For Johnson it would be the realization of a long-held ambition and a complete transformation for a man who once declared that his chances of becoming Prime Minister were “about as good as the chances of finding Elvis on Mars, or my being reincarnated as an olive.”

Johnson has been variously labeled a reckless loose cannon by his critics while biographers likened his appearance, tousled blond mop and all, to a “human laundry basket” or a “haystack on a bicycle.”

The conservative politician is also known for making gaffes in public and was forced to apologize for racist comments after referring to black people as “piccaninnies” in 2008.

Johnson looks set to play a decisive role in the future of British politics after the Leave campaign triumphed with 51.9% of the vote to win by 1,269.501 votes, with turnout at 72%.

Though he is yet to make a comment about the possibility of becoming prime minister, bookies have made Johnson a favorite for the job.
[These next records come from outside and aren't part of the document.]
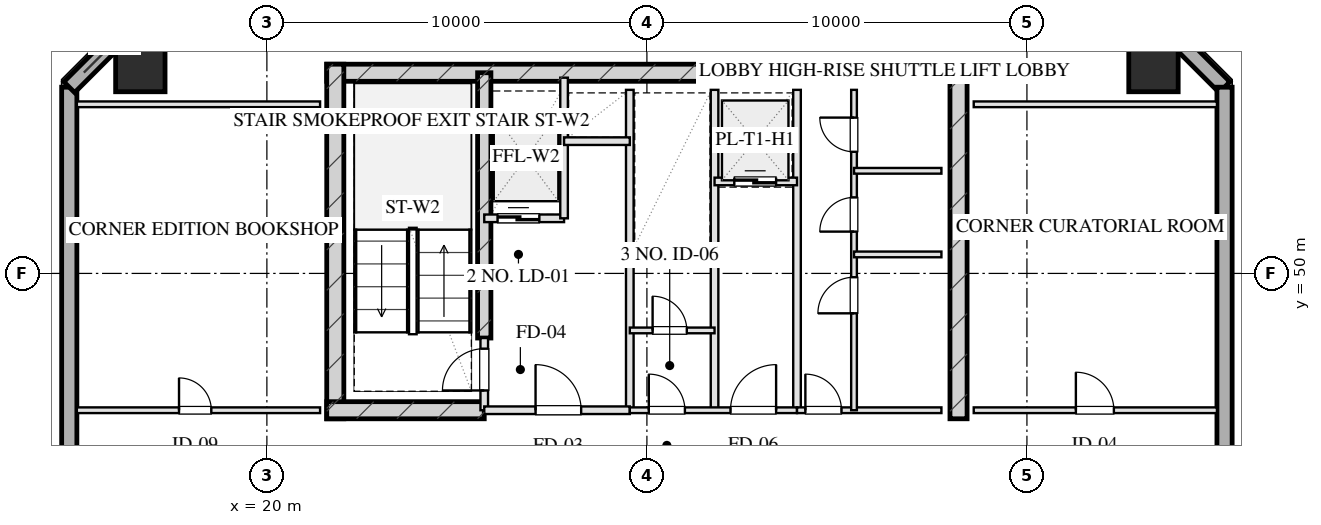
"""IFC4 building model, lengths in metres.
Left out: names, types, materials, properties, quantities, classifications, styles, units other than length and angle.
Written with IfcOpenShell. Run it as: python <this file> out.ifc"""

import sys

from ifc_helpers import new_model, si_unit, direction, frame, frame_2d, origin, origin_2d, place, context, subcontext, project, spatial, rectangle, hollow_rectangle, extrude, element, fill, save


model = new_model("IFC4")
c1 = context("Model", 3, precision=1e-05, world=origin(), true_north=direction((0.0, 1.0)))
c2 = subcontext(c1, "Body", "Model", "MODEL_VIEW")
j1 = project(units=[si_unit("LENGTHUNIT", "METRE"), si_unit("PLANEANGLEUNIT", "RADIAN")], contexts=[c1])
p1 = place(None, origin())
s1 = spatial("IfcSite", under=j1, at=p1, CompositionType="ELEMENT")
p2 = place(p1, origin())
s2 = spatial("IfcBuilding", under=s1, at=p2, CompositionType="ELEMENT")
p3 = place(p2, frame((0.0, 0.0, 244.0)))
s3 = spatial("IfcBuildingStorey", under=s2, at=p3, CompositionType="ELEMENT", Elevation=244.0)
p4 = place(p3, frame((21.575, 55.28, 0.0), z_axis=(0.0, 0.0, 1.0), x_axis=(1.0, 0.0, 0.0)))
e1 = element("IfcWall", 1, at=p4, inside=s3, PredefinedType="SHEAR", context=c2, shape_type="SweptSolid", body=[
    extrude(rectangle(XDim=16.85, YDim=0.45, at=frame_2d((8.425, 0.0))), origin(), (0.0, 0.0, 1.0), 3.2),
])
for number, where, z_axis, x_axis in (
    (2, (21.8, 46.175, 0.0), (0.0, 0.0, 1.0), (0.0, 1.0, 0.0)),
    (3, (38.2, 46.175, 0.0), (0.0, 0.0, 1.0), (0.0, 1.0, 0.0)),
):
    element("IfcWall", number, at=place(p3, frame(where, z_axis=z_axis, x_axis=x_axis)), inside=s3, PredefinedType="SHEAR", context=c2, shape_type="SweptSolid", body=[
        extrude(rectangle(XDim=9.33, YDim=0.45, at=frame_2d((4.665, 0.0))), origin(), (0.0, 0.0, 1.0), 3.2),
    ])
p5 = place(p3, frame((25.72, 48.3, 0.0), z_axis=(0.0, 0.0, 1.0), x_axis=(0.0, 1.0, 0.0)))
e4 = element("IfcWall", 4, at=p5, inside=s3, PredefinedType="SHEAR", context=c2, shape_type="SweptSolid", body=[
    extrude(rectangle(XDim=6.98, YDim=0.35, at=frame_2d((3.49, 0.0))), origin(), (0.0, 0.0, 1.0), 3.2),
])
p6 = place(p3, frame((21.575, 46.4, 0.0), z_axis=(0.0, 0.0, 1.0), x_axis=(1.0, 0.0, 0.0)))
e5 = element("IfcWall", 5, at=p6, inside=s3, PredefinedType="SHEAR", context=c2, shape_type="SweptSolid", body=[
    extrude(rectangle(XDim=4.145, YDim=0.45, at=frame_2d((2.073, 0.0))), origin(), (0.0, 0.0, 1.0), 3.2),
])
for number, where, z_axis, x_axis in (
    (6, (43.33, 55.43, 0.0), (0.0, 0.0, 1.0), (1.0, 0.0, 0.0)),
    (7, (16.67, 55.43, 0.0), (0.0, 0.0, 1.0), (1.0, 0.0, 0.0)),
):
    element("IfcColumn", number, at=place(p3, frame(where, z_axis=z_axis, x_axis=x_axis)), inside=s3, PredefinedType="COLUMN", context=c2, shape_type="SweptSolid", body=[
        extrude(hollow_rectangle(XDim=1.3, YDim=1.3, WallThickness=0.045, at=origin_2d()), origin(), (0.0, 0.0, 1.0), 3.201),
    ])
p7 = place(p3, frame((14.8, 13.1, 0.0), z_axis=(0.0, 0.0, 1.0), x_axis=(0.0, 1.0, 0.0)))
e8 = element("IfcWall", 8, at=p7, inside=s3, PredefinedType="SOLIDWALL", context=c2, shape_type="SweptSolid", body=[
    extrude(rectangle(XDim=41.8, YDim=0.4, at=frame_2d((20.9, 0.0))), origin(), (0.0, 0.0, 1.0), 2.36),
])
p8 = place(p7, frame((13.525, 0.0, 0.75)))
e9 = element("IfcOpeningElement", 9, at=p8, cuts=e8, PredefinedType="OPENING", context=c2, shape_type="SweptSolid", body=[
    extrude(rectangle(XDim=1.95, YDim=1.21, at=frame_2d((0.975, 0.605))), frame((0.0, 0.21, 0.0), z_axis=(0.0, -1.0, 0.0), x_axis=(1.0, 0.0, 0.0)), (0.0, 0.0, 1.0), 0.42),
])
p9 = place(p7, frame((17.325, 0.0, 0.75)))
e10 = element("IfcOpeningElement", 10, at=p9, cuts=e8, PredefinedType="OPENING", context=c2, shape_type="SweptSolid", body=[
    extrude(rectangle(XDim=1.95, YDim=1.21, at=frame_2d((0.975, 0.605))), frame((0.0, 0.21, 0.0), z_axis=(0.0, -1.0, 0.0), x_axis=(1.0, 0.0, 0.0)), (0.0, 0.0, 1.0), 0.42),
])
p10 = place(p7, frame((22.525, 0.0, 0.75)))
e11 = element("IfcOpeningElement", 11, at=p10, cuts=e8, PredefinedType="OPENING", context=c2, shape_type="SweptSolid", body=[
    extrude(rectangle(XDim=1.95, YDim=1.21, at=frame_2d((0.975, 0.605))), frame((0.0, 0.21, 0.0), z_axis=(0.0, -1.0, 0.0), x_axis=(1.0, 0.0, 0.0)), (0.0, 0.0, 1.0), 0.42),
])
p11 = place(p7, frame((26.325, 0.0, 0.75)))
e12 = element("IfcOpeningElement", 12, at=p11, cuts=e8, PredefinedType="OPENING", context=c2, shape_type="SweptSolid", body=[
    extrude(rectangle(XDim=1.95, YDim=1.21, at=frame_2d((0.975, 0.605))), frame((0.0, 0.21, 0.0), z_axis=(0.0, -1.0, 0.0), x_axis=(1.0, 0.0, 0.0)), (0.0, 0.0, 1.0), 0.42),
])
for number, where, z_axis, x_axis in (
    (13, (14.8, 54.9, 0.0), (0.0, 0.0, 1.0), (0.707, 0.707, 0.0)),
    (14, (42.8, 57.3, 0.0), (0.0, 0.0, 1.0), (0.707, -0.707, 0.0)),
):
    element("IfcWall", number, at=place(p3, frame(where, z_axis=z_axis, x_axis=x_axis)), inside=s3, PredefinedType="SOLIDWALL", context=c2, shape_type="SweptSolid", body=[
        extrude(rectangle(XDim=3.394, YDim=0.4, at=frame_2d((1.697, 0.0))), origin(), (0.0, 0.0, 1.0), 2.36),
    ])
p12 = place(p3, frame((45.2, 54.9, 0.0), z_axis=(0.0, 0.0, 1.0), x_axis=(0.0, -1.0, 0.0)))
e15 = element("IfcWall", 15, at=p12, inside=s3, PredefinedType="SOLIDWALL", context=c2, shape_type="SweptSolid", body=[
    extrude(rectangle(XDim=41.8, YDim=0.4, at=frame_2d((20.9, 0.0))), origin(), (0.0, 0.0, 1.0), 2.36),
])
p13 = place(p12, frame((26.325, 0.0, 0.75)))
e16 = element("IfcOpeningElement", 16, at=p13, cuts=e15, PredefinedType="OPENING", context=c2, shape_type="SweptSolid", body=[
    extrude(rectangle(XDim=1.95, YDim=1.21, at=frame_2d((0.975, 0.605))), frame((0.0, 0.21, 0.0), z_axis=(0.0, -1.0, 0.0), x_axis=(1.0, 0.0, 0.0)), (0.0, 0.0, 1.0), 0.42),
])
p14 = place(p12, frame((22.525, 0.0, 0.75)))
e17 = element("IfcOpeningElement", 17, at=p14, cuts=e15, PredefinedType="OPENING", context=c2, shape_type="SweptSolid", body=[
    extrude(rectangle(XDim=1.95, YDim=1.21, at=frame_2d((0.975, 0.605))), frame((0.0, 0.21, 0.0), z_axis=(0.0, -1.0, 0.0), x_axis=(1.0, 0.0, 0.0)), (0.0, 0.0, 1.0), 0.42),
])
p15 = place(p12, frame((17.325, 0.0, 0.75)))
e18 = element("IfcOpeningElement", 18, at=p15, cuts=e15, PredefinedType="OPENING", context=c2, shape_type="SweptSolid", body=[
    extrude(rectangle(XDim=1.95, YDim=1.21, at=frame_2d((0.975, 0.605))), frame((0.0, 0.21, 0.0), z_axis=(0.0, -1.0, 0.0), x_axis=(1.0, 0.0, 0.0)), (0.0, 0.0, 1.0), 0.42),
])
p16 = place(p12, frame((13.525, 0.0, 0.75)))
e19 = element("IfcOpeningElement", 19, at=p16, cuts=e15, PredefinedType="OPENING", context=c2, shape_type="SweptSolid", body=[
    extrude(rectangle(XDim=1.95, YDim=1.21, at=frame_2d((0.975, 0.605))), frame((0.0, 0.21, 0.0), z_axis=(0.0, -1.0, 0.0), x_axis=(1.0, 0.0, 0.0)), (0.0, 0.0, 1.0), 0.42),
])
p17 = place(p3, frame((25.72, 46.4, 0.0), z_axis=(0.0, 0.0, 1.0), x_axis=(0.0, 1.0, 0.0)))
e20 = element("IfcWall", 20, at=p17, inside=s3, PredefinedType="PARTITIONING", context=c2, shape_type="SweptSolid", body=[
    extrude(rectangle(XDim=1.9, YDim=0.2, at=frame_2d((0.95, 0.0))), origin(), (0.0, 0.0, 1.0), 2.925),
])
p18 = place(p17, frame((0.52, 0.0, 0.0)))
e21 = element("IfcOpeningElement", 21, at=p18, cuts=e20, PredefinedType="OPENING", context=c2, shape_type="SweptSolid", body=[
    extrude(rectangle(XDim=1.1, YDim=2.05, at=frame_2d((0.55, 1.025))), frame((0.0, 0.11, 0.0), z_axis=(0.0, -1.0, 0.0), x_axis=(1.0, 0.0, 0.0)), (0.0, 0.0, 1.0), 0.22),
])
p19 = place(p3, frame((29.55, 46.4, 0.0), z_axis=(0.0, 0.0, 1.0), x_axis=(0.0, 1.0, 0.0)))
e22 = element("IfcWall", 22, at=p19, inside=s3, PredefinedType="PARTITIONING", context=c2, shape_type="SweptSolid", body=[
    extrude(rectangle(XDim=8.43, YDim=0.2, at=frame_2d((4.215, 0.0))), origin(), (0.0, 0.0, 1.0), 2.925),
])
p20 = place(p3, frame((25.72, 46.4, 0.0), z_axis=(0.0, 0.0, 1.0), x_axis=(1.0, 0.0, 0.0)))
e23 = element("IfcWall", 23, at=p20, inside=s3, PredefinedType="PARTITIONING", context=c2, shape_type="SweptSolid", body=[
    extrude(rectangle(XDim=3.83, YDim=0.2, at=frame_2d((1.915, 0.0))), origin(), (0.0, 0.0, 1.0), 2.925),
])
p21 = place(p20, frame((1.35, 0.0, 0.0)))
e24 = element("IfcOpeningElement", 24, at=p21, cuts=e23, PredefinedType="OPENING", context=c2, shape_type="SweptSolid", body=[
    extrude(rectangle(XDim=1.2, YDim=2.05, at=frame_2d((0.6, 1.025))), frame((0.0, 0.11, 0.0), z_axis=(0.0, -1.0, 0.0), x_axis=(1.0, 0.0, 0.0)), (0.0, 0.0, 1.0), 0.22),
])
p22 = place(p3, frame((25.72, 51.45, 0.0), z_axis=(0.0, 0.0, 1.0), x_axis=(1.0, 0.0, 0.0)))
e25 = element("IfcWall", 25, at=p22, inside=s3, PredefinedType="PARTITIONING", context=c2, shape_type="SweptSolid", body=[
    extrude(rectangle(XDim=2.1, YDim=0.2, at=frame_2d((1.05, 0.0))), origin(), (0.0, 0.0, 1.0), 2.925),
])
p23 = place(p22, frame((0.35, 0.0, 0.0)))
e26 = element("IfcOpeningElement", 26, at=p23, cuts=e25, PredefinedType="OPENING", context=c2, shape_type="SweptSolid", body=[
    extrude(rectangle(XDim=1.1, YDim=2.05, at=frame_2d((0.55, 1.025))), frame((0.0, 0.11, 0.0), z_axis=(0.0, -1.0, 0.0), x_axis=(1.0, 0.0, 0.0)), (0.0, 0.0, 1.0), 0.22),
])
p24 = place(p3, frame((27.82, 51.45, 0.0), z_axis=(0.0, 0.0, 1.0), x_axis=(0.0, 1.0, 0.0)))
e27 = element("IfcWall", 27, at=p24, inside=s3, PredefinedType="PARTITIONING", context=c2, shape_type="SweptSolid", body=[
    extrude(rectangle(XDim=3.7, YDim=0.2, at=frame_2d((1.85, 0.0))), origin(), (0.0, 0.0, 1.0), 2.925),
])
p25 = place(p3, frame((27.82, 53.48, 0.0), z_axis=(0.0, 0.0, 1.0), x_axis=(1.0, 0.0, 0.0)))
e28 = element("IfcWall", 28, at=p25, inside=s3, PredefinedType="PARTITIONING", context=c2, shape_type="SweptSolid", body=[
    extrude(rectangle(XDim=1.73, YDim=0.2, at=frame_2d((0.865, 0.0))), origin(), (0.0, 0.0, 1.0), 2.925),
])
for number, where, z_axis, x_axis in (
    (29, (33.95, 46.4, 0.0), (0.0, 0.0, 1.0), (0.0, 1.0, 0.0)),
    (30, (31.78, 46.4, 0.0), (0.0, 0.0, 1.0), (0.0, 1.0, 0.0)),
):
    element("IfcWall", number, at=place(p3, frame(where, z_axis=z_axis, x_axis=x_axis)), inside=s3, PredefinedType="PARTITIONING", context=c2, shape_type="SweptSolid", body=[
        extrude(rectangle(XDim=8.43, YDim=0.2, at=frame_2d((4.215, 0.0))), origin(), (0.0, 0.0, 1.0), 2.925),
    ])
p26 = place(p3, frame((29.55, 46.4, 0.0), z_axis=(0.0, 0.0, 1.0), x_axis=(1.0, 0.0, 0.0)))
e31 = element("IfcWall", 31, at=p26, inside=s3, PredefinedType="PARTITIONING", context=c2, shape_type="SweptSolid", body=[
    extrude(rectangle(XDim=4.4, YDim=0.15, at=frame_2d((2.2, 0.0))), origin(), (0.0, 0.0, 1.0), 2.925),
])
p27 = place(p26, frame((0.5, 0.0, 0.0)))
e32 = element("IfcOpeningElement", 32, at=p27, cuts=e31, PredefinedType="OPENING", context=c2, shape_type="SweptSolid", body=[
    extrude(rectangle(XDim=0.95, YDim=2.05, at=frame_2d((0.475, 1.025))), frame((0.0, 0.085, 0.0), z_axis=(0.0, -1.0, 0.0), x_axis=(1.0, 0.0, 0.0)), (0.0, 0.0, 1.0), 0.17),
])
p28 = place(p26, frame((2.65, 0.0, 0.0)))
e33 = element("IfcOpeningElement", 33, at=p28, cuts=e31, PredefinedType="OPENING", context=c2, shape_type="SweptSolid", body=[
    extrude(rectangle(XDim=1.2, YDim=2.05, at=frame_2d((0.6, 1.025))), frame((0.0, 0.085, 0.0), z_axis=(0.0, -1.0, 0.0), x_axis=(1.0, 0.0, 0.0)), (0.0, 0.0, 1.0), 0.17),
])
p29 = place(p3, frame((29.55, 50.6, 0.0), z_axis=(0.0, 0.0, 1.0), x_axis=(1.0, 0.0, 0.0)))
e34 = element("IfcWall", 34, at=p29, inside=s3, PredefinedType="PARTITIONING", context=c2, shape_type="SweptSolid", body=[
    extrude(rectangle(XDim=2.23, YDim=0.15, at=frame_2d((1.115, 0.0))), origin(), (0.0, 0.0, 1.0), 2.925),
])
p30 = place(p3, frame((29.55, 48.5, 0.0), z_axis=(0.0, 0.0, 1.0), x_axis=(1.0, 0.0, 0.0)))
e35 = element("IfcWall", 35, at=p30, inside=s3, PredefinedType="PARTITIONING", context=c2, shape_type="SweptSolid", body=[
    extrude(rectangle(XDim=2.23, YDim=0.15, at=frame_2d((1.115, 0.0))), origin(), (0.0, 0.0, 1.0), 2.925),
])
p31 = place(p30, frame((0.6, 0.0, 0.0)))
e36 = element("IfcOpeningElement", 36, at=p31, cuts=e35, PredefinedType="OPENING", context=c2, shape_type="SweptSolid", body=[
    extrude(rectangle(XDim=0.9, YDim=2.05, at=frame_2d((0.45, 1.025))), frame((0.0, 0.085, 0.0), z_axis=(0.0, -1.0, 0.0), x_axis=(1.0, 0.0, 0.0)), (0.0, 0.0, 1.0), 0.17),
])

Read also: British PM Cameron resigns over Brexit

Johnson was mayor of London from 2008 until May this year when he re-entered Westminster as a member of Parliament for Uxbridge and South Ruislip.

His biographer, Andrew Gimson, described the 52 year old as a “maverick, a man who can’t see an apple cart without wanting to overturn it.

Johnson outshone Cameron for years, first at Eton, then Oxford, and then as The Daily Telegraph’s Brussels correspondent.

According to Gimson, “Boris is not really a team player. He’s a leader, and either his party and the country will accept him as leader, or he’ll be in the wilderness.”